Given an integer array nums and two integers k and numOperations, you are allowed to perform exactly numOperations operations. In each operation, you select an index that has not been used before and add any integer from the range [-k, k] to nums[i]. The goal is to maximize the frequency (the count) of any element in nums after these operations.

Key Insights

  • Each operation can adjust one element by at most k in either direction.
  • An element already equal to the target value does not need an operation.
  • For a candidate target value T, only those numbers that are already T or can be changed to T (i.e. those satisfying |nums[i] - T| ≤ k) are eligible.
  • The maximum achievable frequency for T is: frequency(T) plus at most numOperations additional eligible numbers (i.e. those within [T - k, T + k] that are not already T).
  • Using a frequency array and prefix sum over the value range allows computing the count of numbers in any interval quickly.
  • Finally, iterate over candidate target values in the range of possible numbers to find the maximum achievable frequency.

Space and Time Complexity

Time Complexity: O(M) where M is the maximum possible value (up to 10^5), since we precompute frequency and prefix sums and then iterate over the candidate values.

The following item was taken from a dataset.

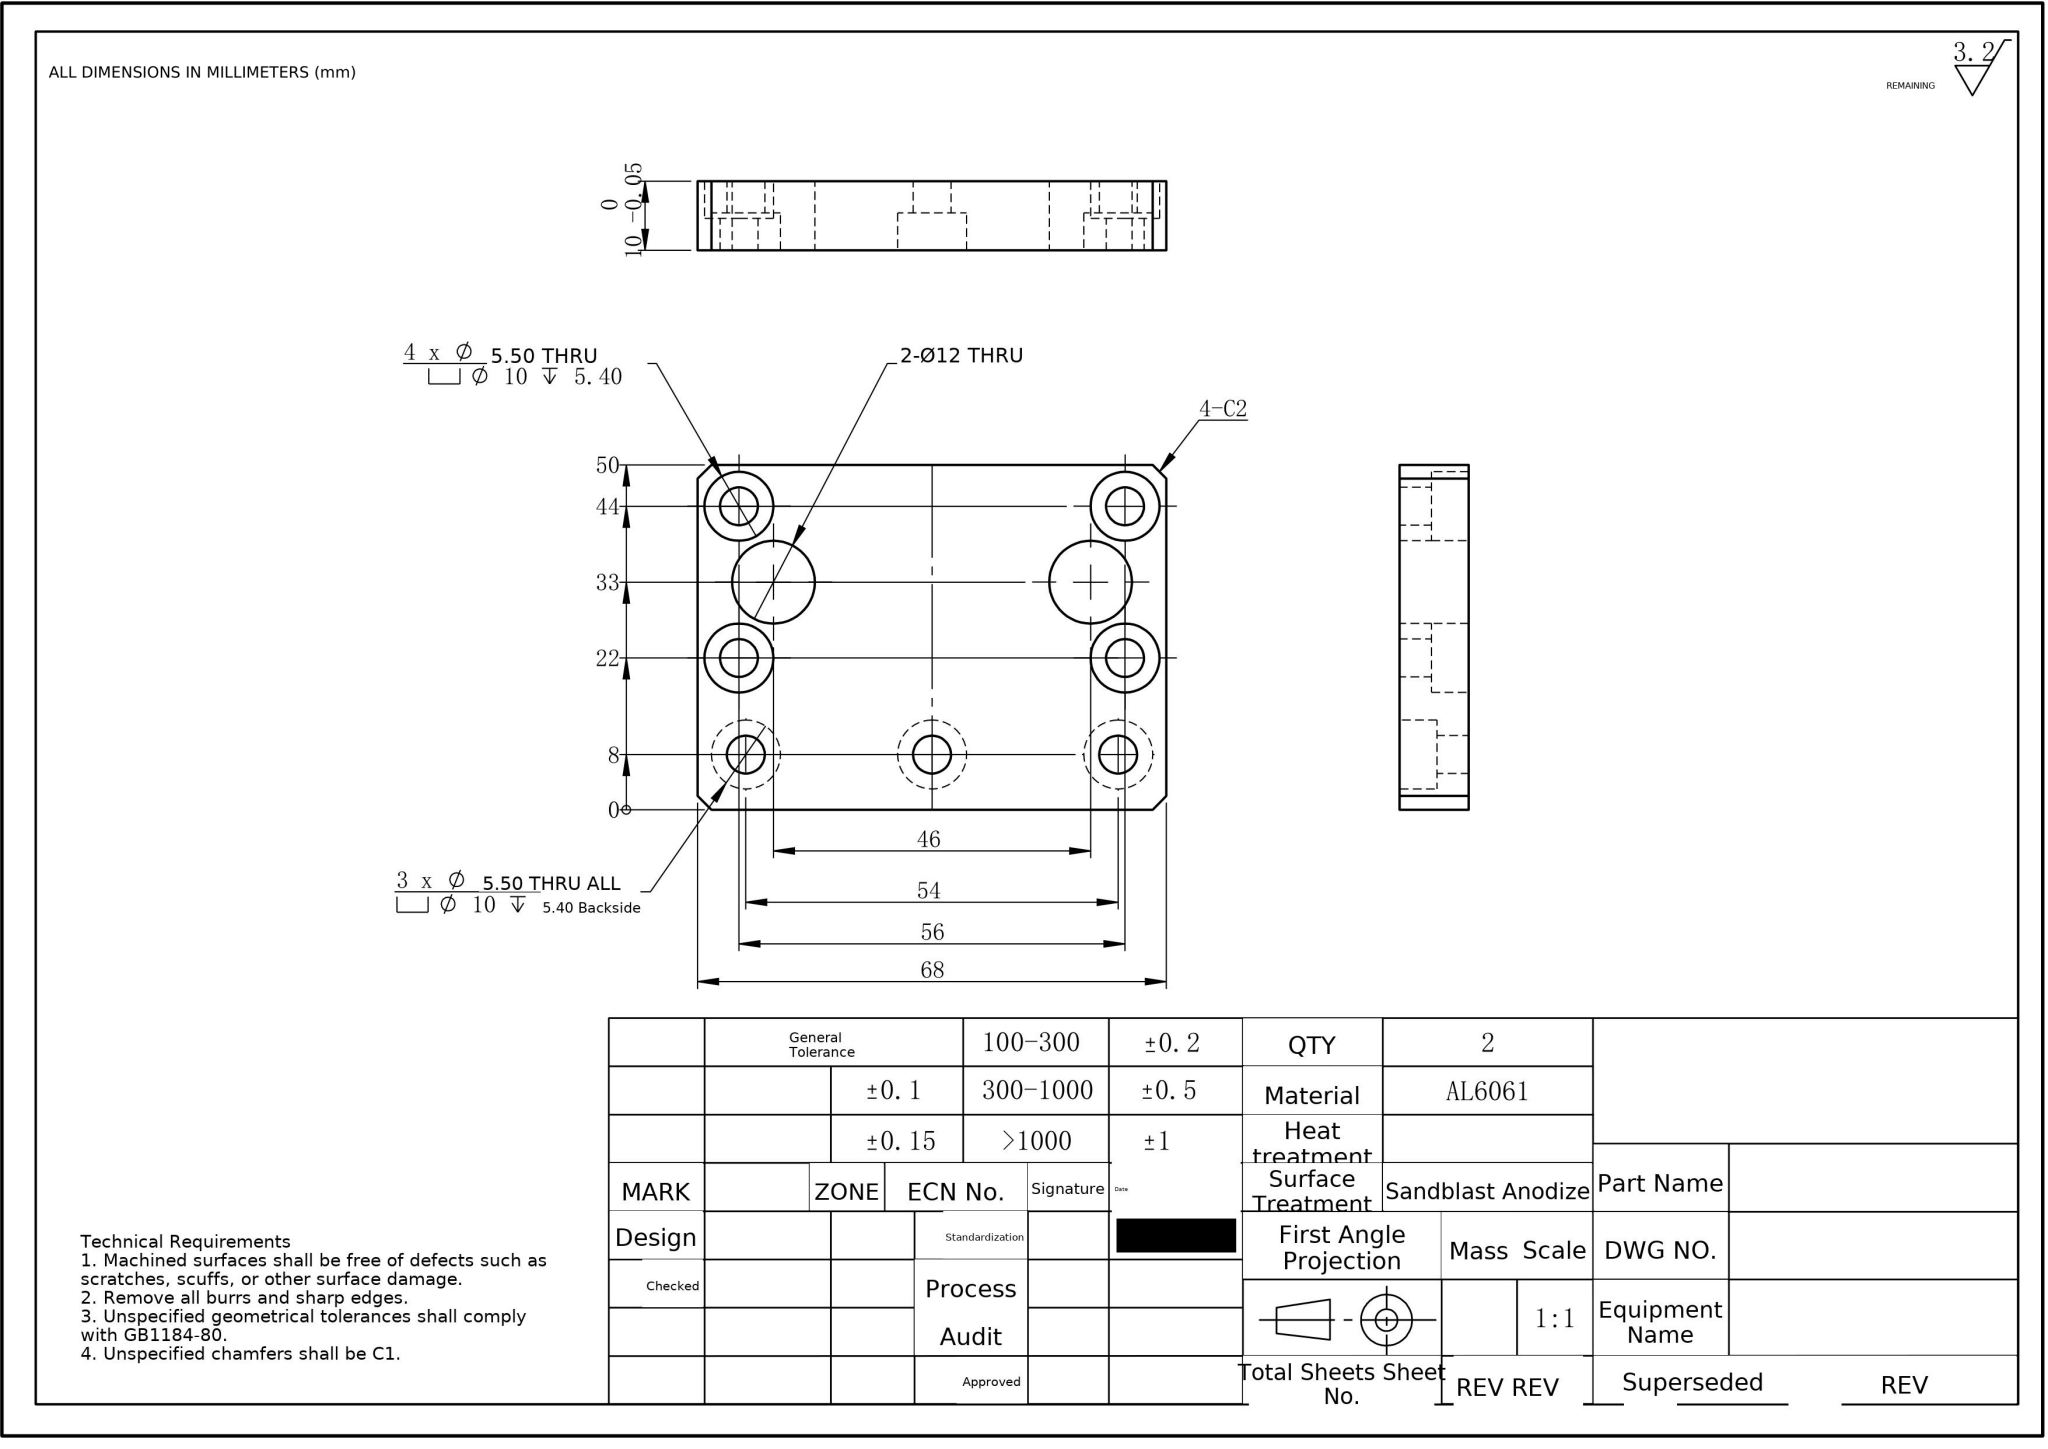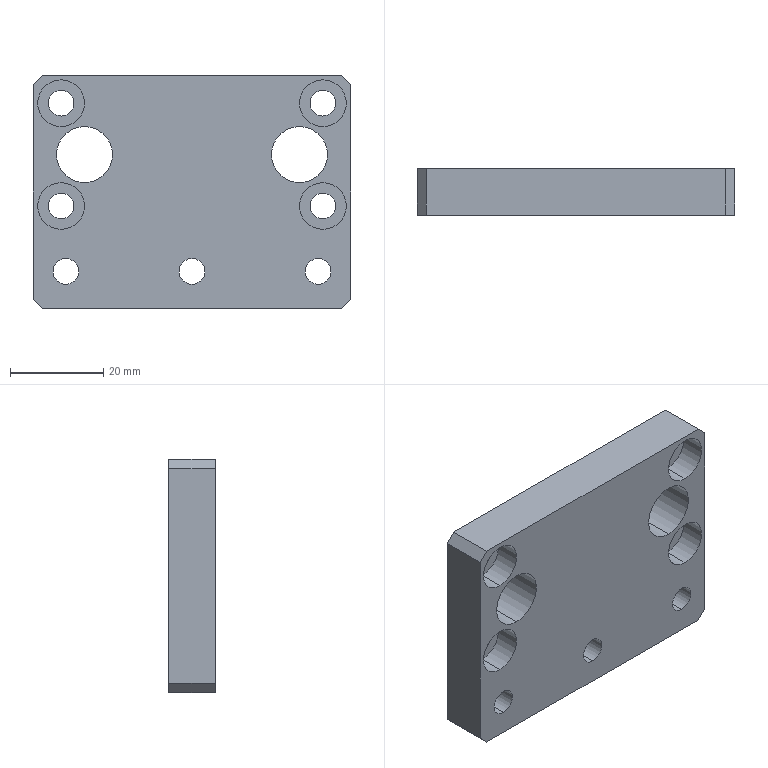Part | NX | mm | 1 solid | 49 faces | box 68 x 10 x 50 mm | volume 27924 mm3 | cylinder 32 | plane 17 | commonest cylinder face diameters 10 x14 5.5 x14 12 x4

Space Complexity: O(M) for the frequency and prefix sum arrays.

Solution

We first count the frequency of every possible value in nums. Then, using a prefix sum array over this frequency array, we can quickly determine the number of elements whose values lie in any interval [T-k, T+k]. For each candidate target T (from 1 to maximum value), the eligible count is the number of elements in the range [T-k, T+k].

Since any element that is not already T but lies in this interval can be changed into T by using one operation (provided we have not exceeded numOperations), the maximum achievable frequency if we pick T as the target is:

  frequency(T) + min(numOperations, (eligible count − frequency(T)))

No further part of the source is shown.